Повинуясь высокому влечению, Иван Северьяныч отправляется на Кавказ и вызывается там на самое опасное дело. Отчаянная его храбрость восхищает командира, который представляет его к награде и производит в офицеры. Однако и после свершения воинского подвига Иван Северьяныч в собственных глазах остается великим грешником, которого якобы ни земля, ни вода принимать не хотят. Эта самооценка — проявление значительной нравственной эволюции героя.
Преисполненный ранее стихийной радостью жизни Иван Северьяныч долгое время заглушал в себе голос своей совести, звучавший в его сновидениях, в которых являлся к нему убитый им старик-монах.
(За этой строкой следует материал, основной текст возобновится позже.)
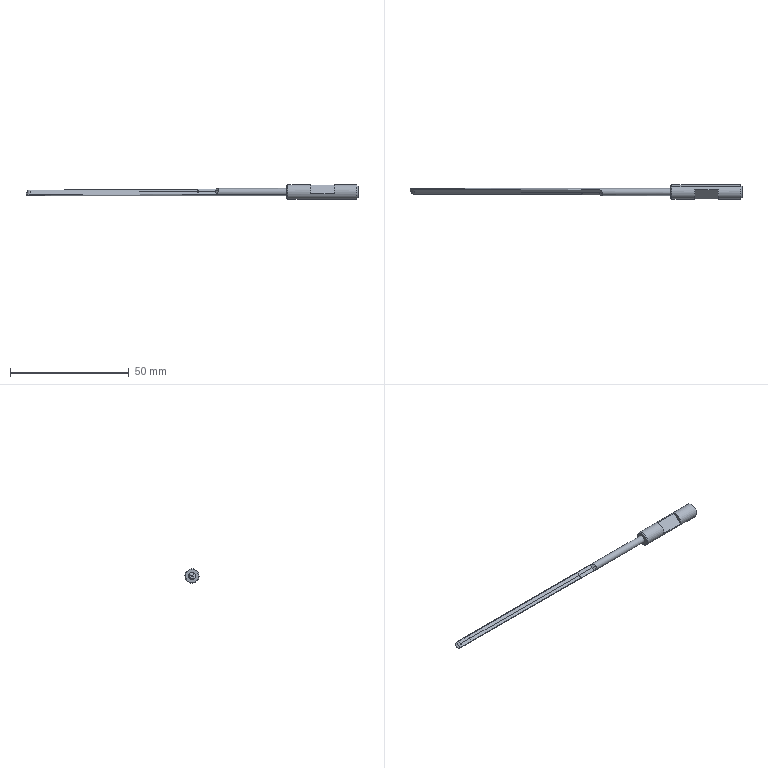Component | SolidWorks | JJDJR-3060-E-025-1 | 1 solid | 32 faces | volume 1272 mm3 | plane 17 | cylinder 8 | cone 5 | spline 2 | commonest cylinder face diameters 0.3 x3 3 x2 6 x2 4 x1 | material Aluminum Alloy
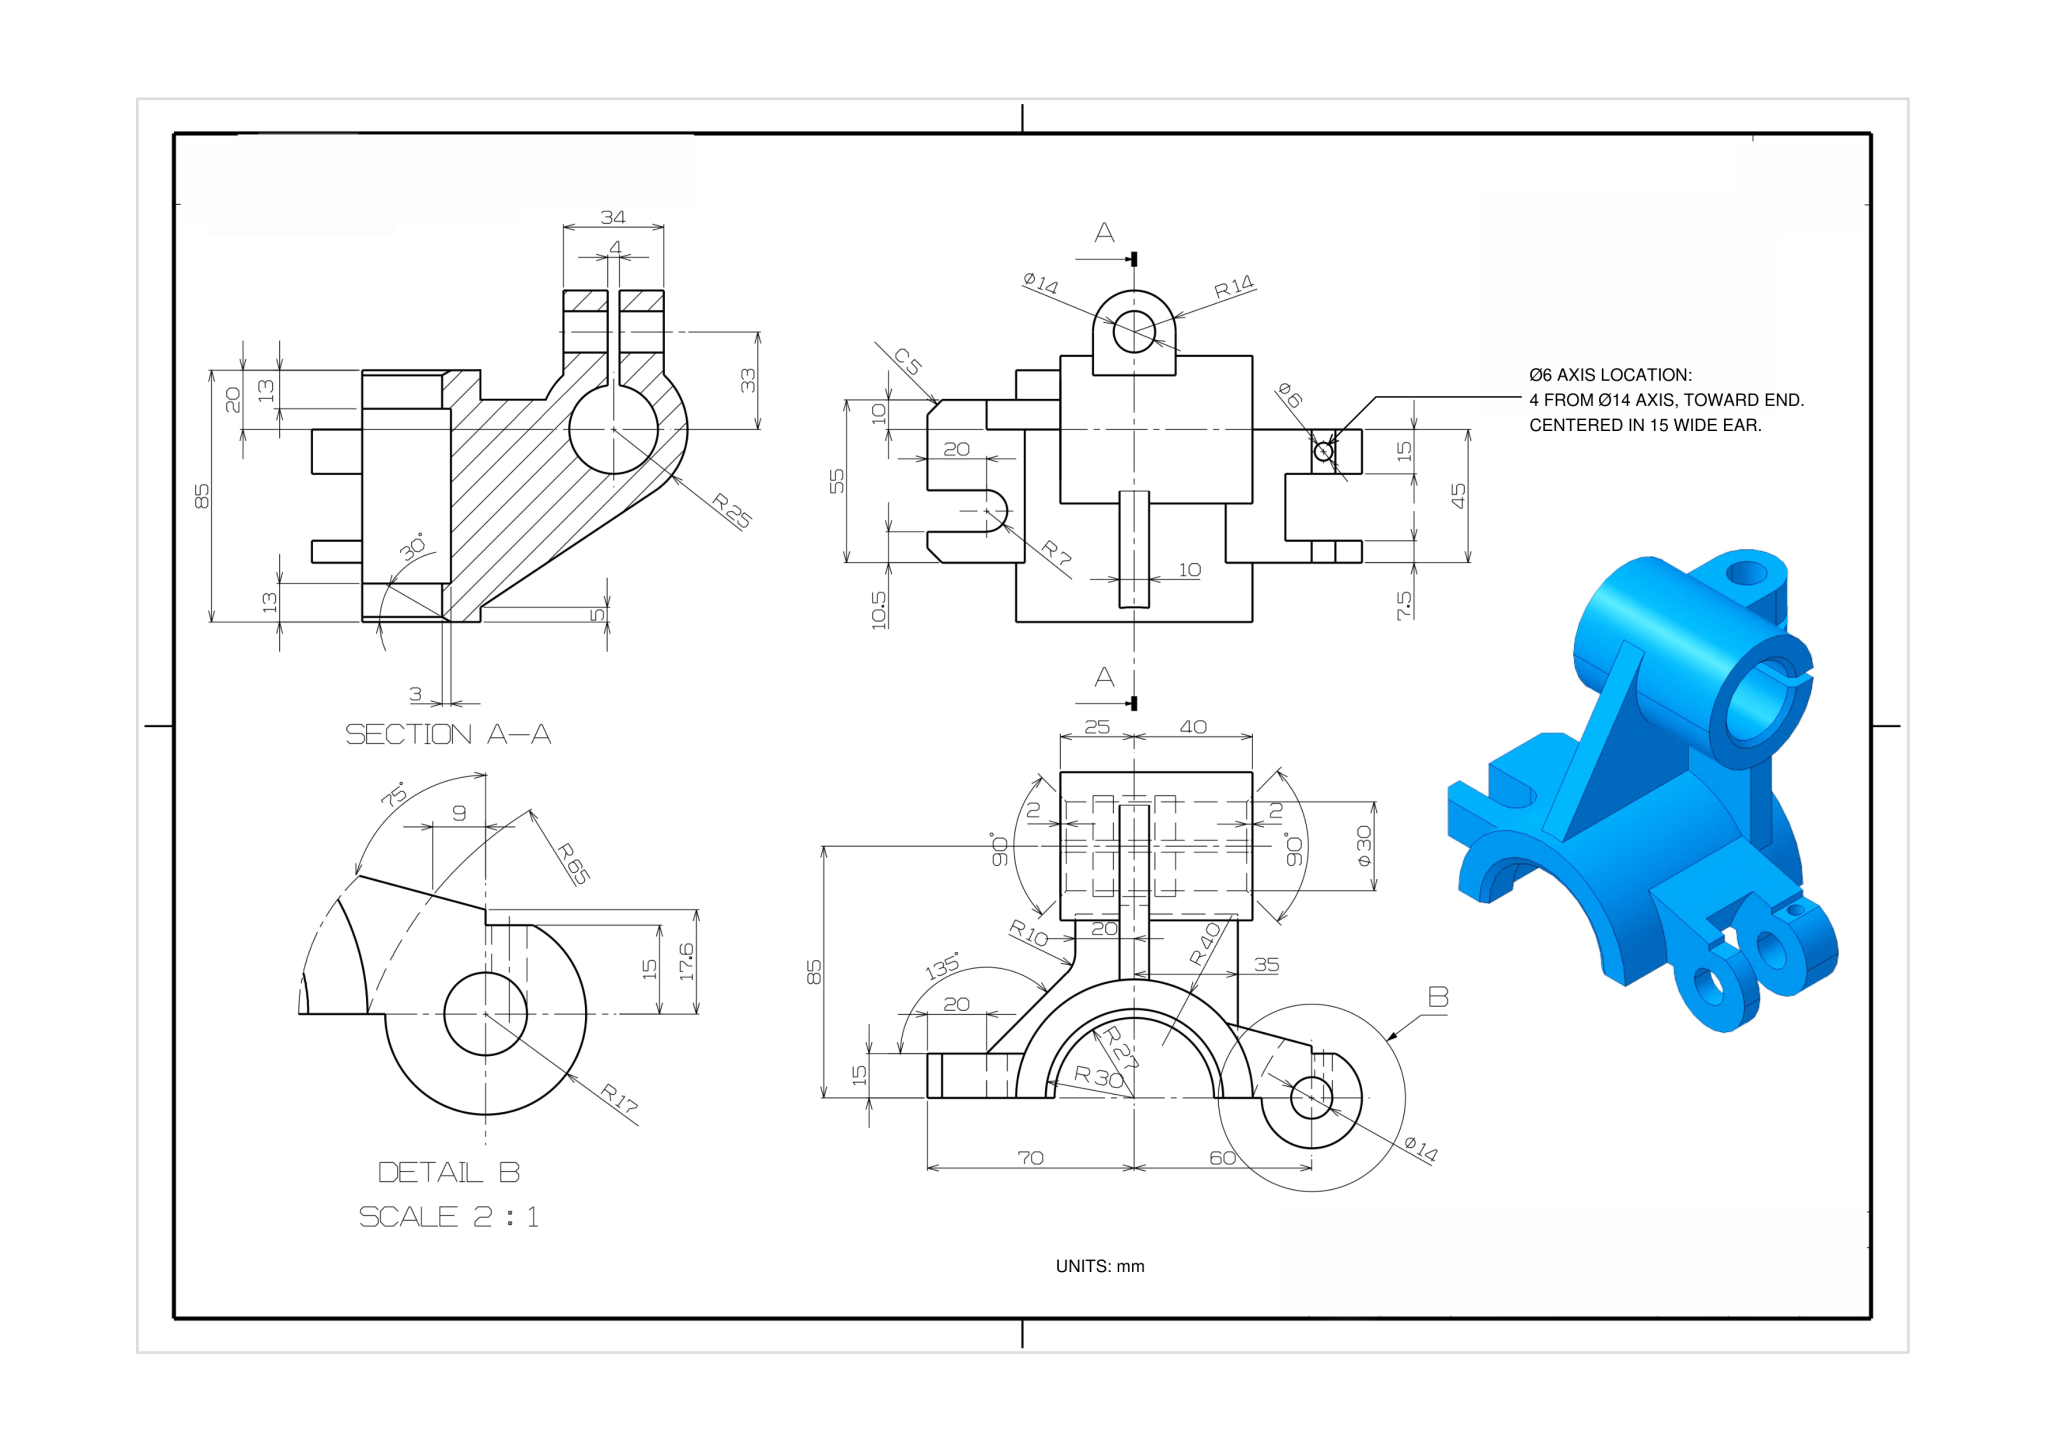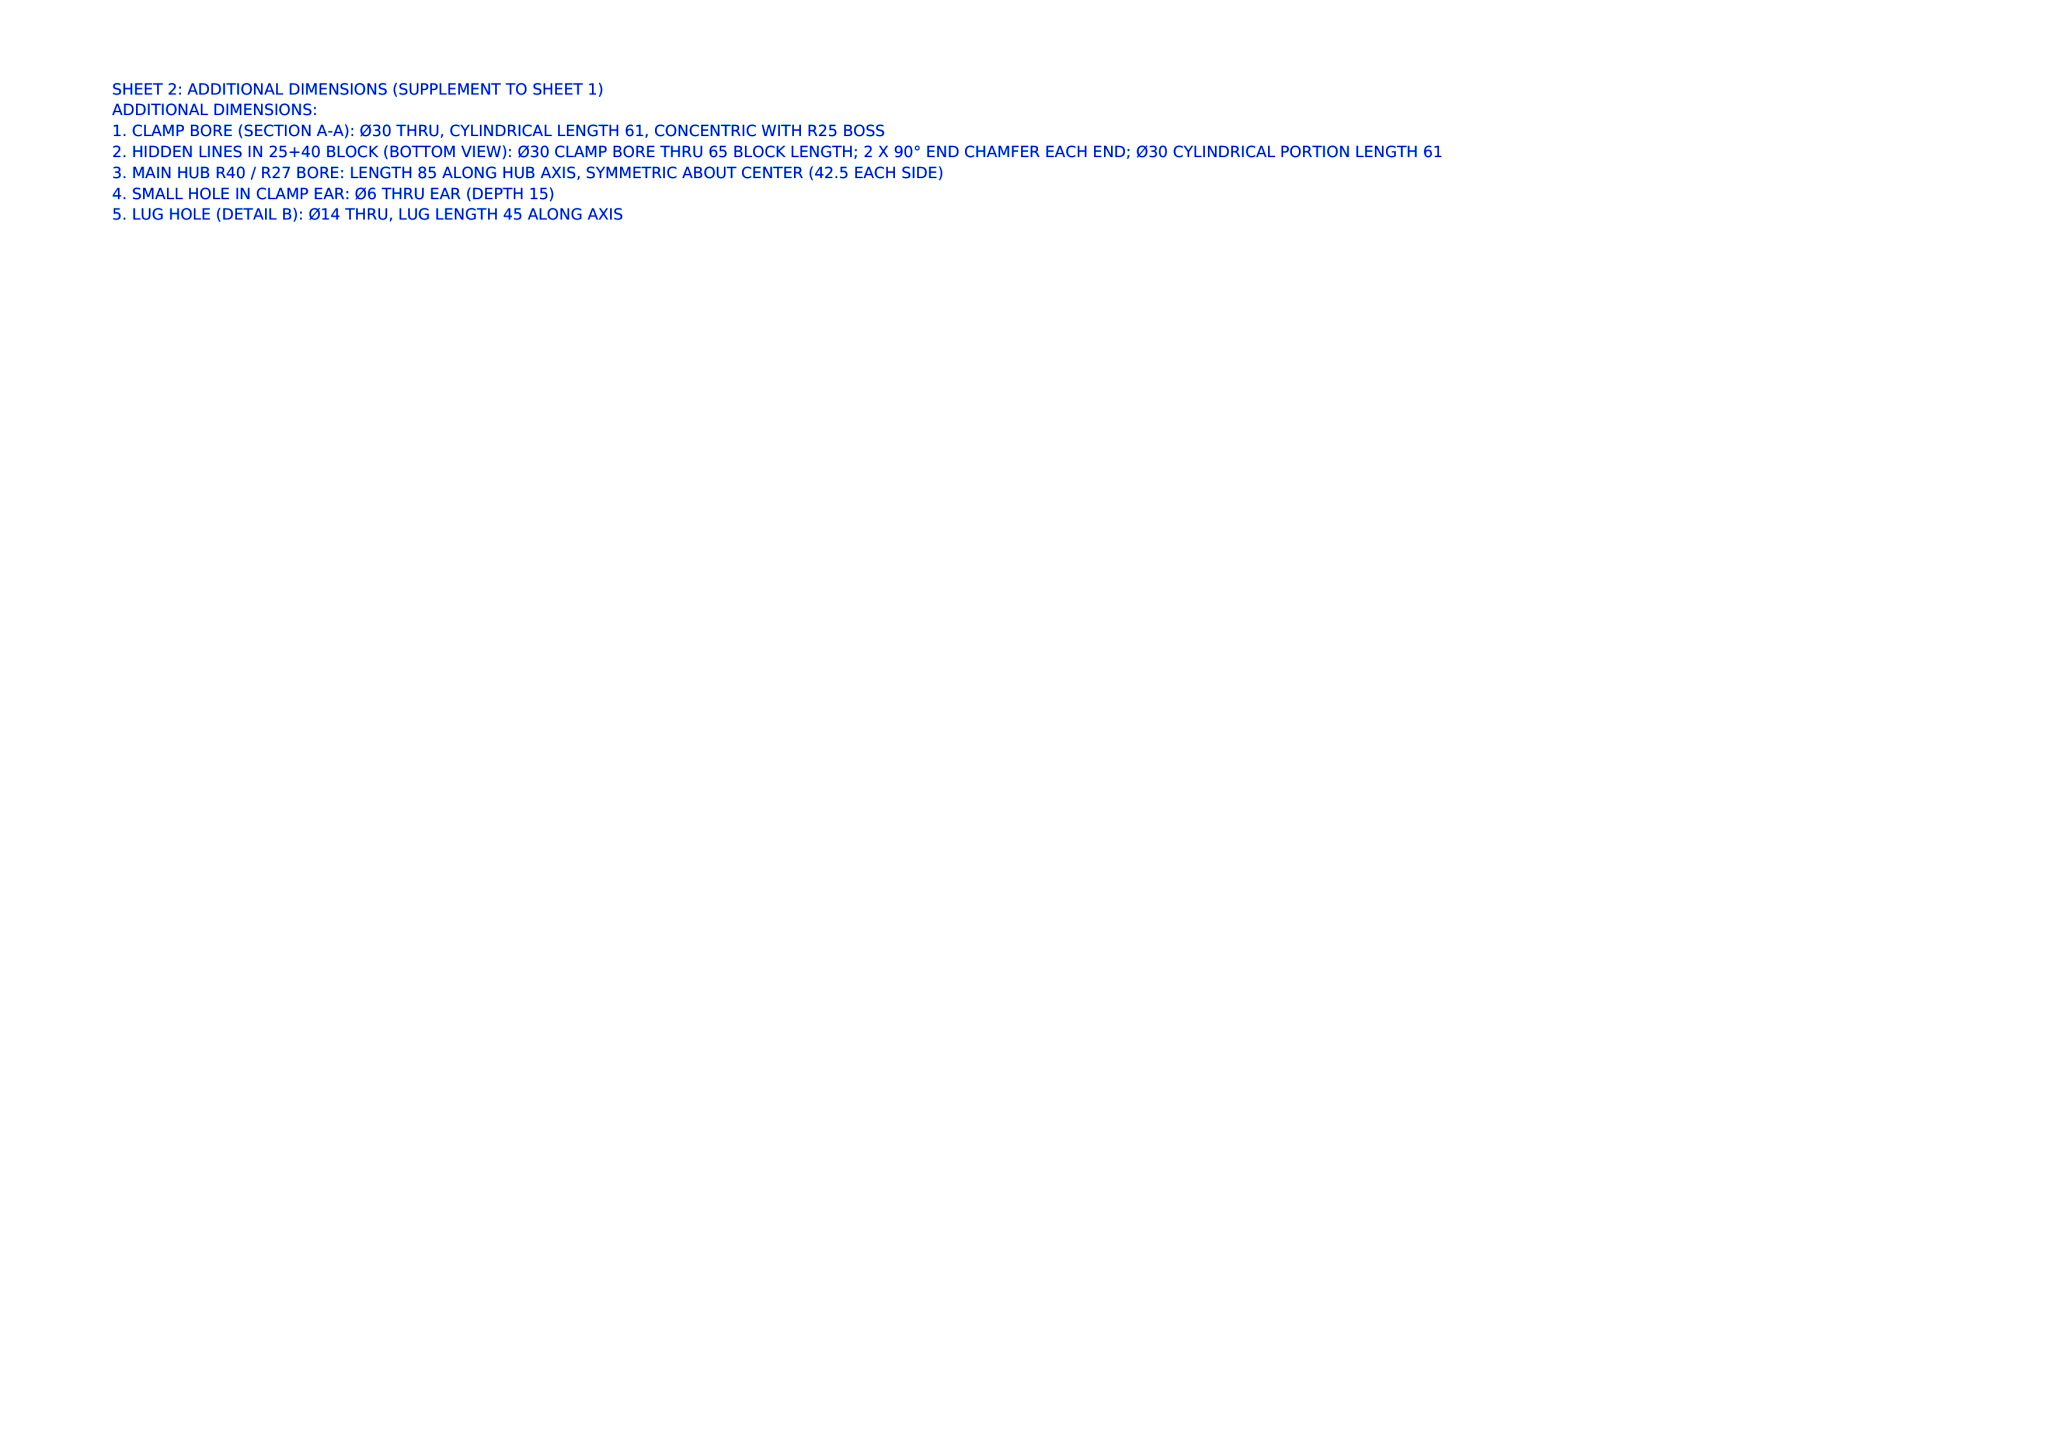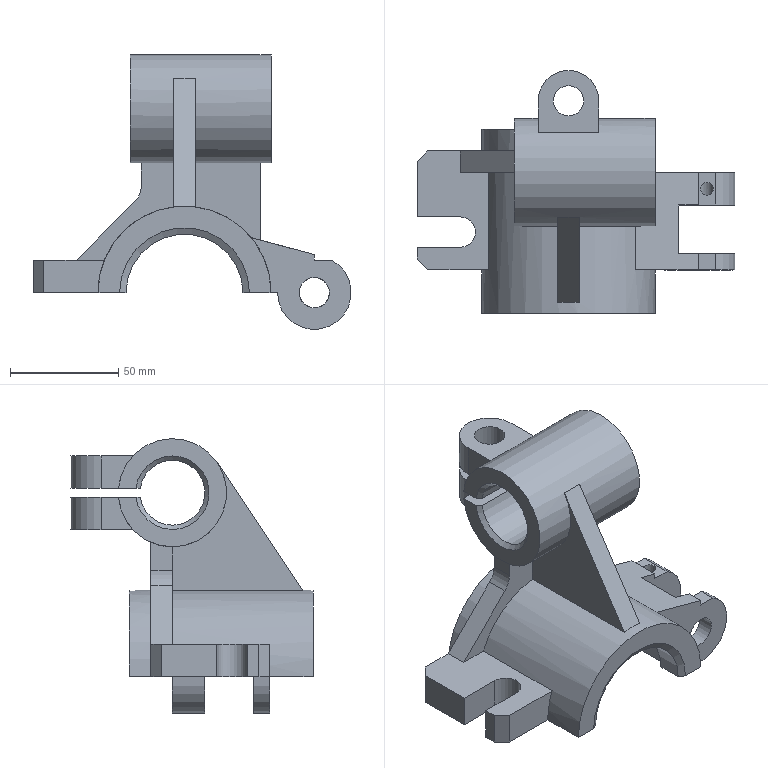Part | NX | mm | 1 solid | 65 faces | box 147 x 112 x 127 mm | volume 269511 mm3 | plane 42 | cylinder 19 | cone 4 | commonest cylinder face diameters 14 x5 80 x2 34 x2 54 x2 28 x2 50 x1 60 x1 130 x1

Теперь этот голос обретает новую власть в его душе и побуждает его творить столь суровый суд над своей былой жизнью, который возможен только для человека, достигшего праведнической чистоты и святости.
В такой трактовке народного характера Лесков отчасти смыкался не только с Достоевским, но и с Некрасовым, который в известном стихотворении «Влас» (1855) поэтизировал тот же необыкновенно широкий мир нравственных возможностей русского крестьянина, душа которого способна самым неожиданным, почти чудесным образом высвободиться вдруг из-под тяготеющих над ней ограничений и дать новое, высшее направление всей его жизни.
Томимый жаждой «постраждовать» Иван Северьяныч в конце своей жизни оказывается во власти нового, высшего очарования идеей героического самопожертвования во имя отечества, которому, как чует его вещее сердце, грозят великие бедствия.
Никакие самые строгие меры его монастырского начальства, которое то на долгий срок поселяет доморощенного пророка в яму, то переводит его в холодную избу, не в силах погасить этот его душевный порыв. Покинув монастырь, он остается верен своему наитию. Спокойно и просто говорит он своим спутникам, что ему «за народ очень помереть хочется» (4, 513).
Так и в крайне неблагоприятных обстоятельствах русской жизни с ее оглушающими «сюрпризами» характер Ивана Северьяныча обнаруживает счастливую и обнадеживающую возможность «саморазвития». Его жизнь, которую он сам с добродушной иронией называет драмокомедией, — это житие великомученика, проявившего поразительную способность выстоять, приняв на себя все «борения жизни».
И в то же время она еще более замечательна тем, что момент послушной покорности Ивана Северьяныча воле обстоятельств в ней всегда относителен, абсолютна живая энергия его духа, устремленного к высшему идеалу.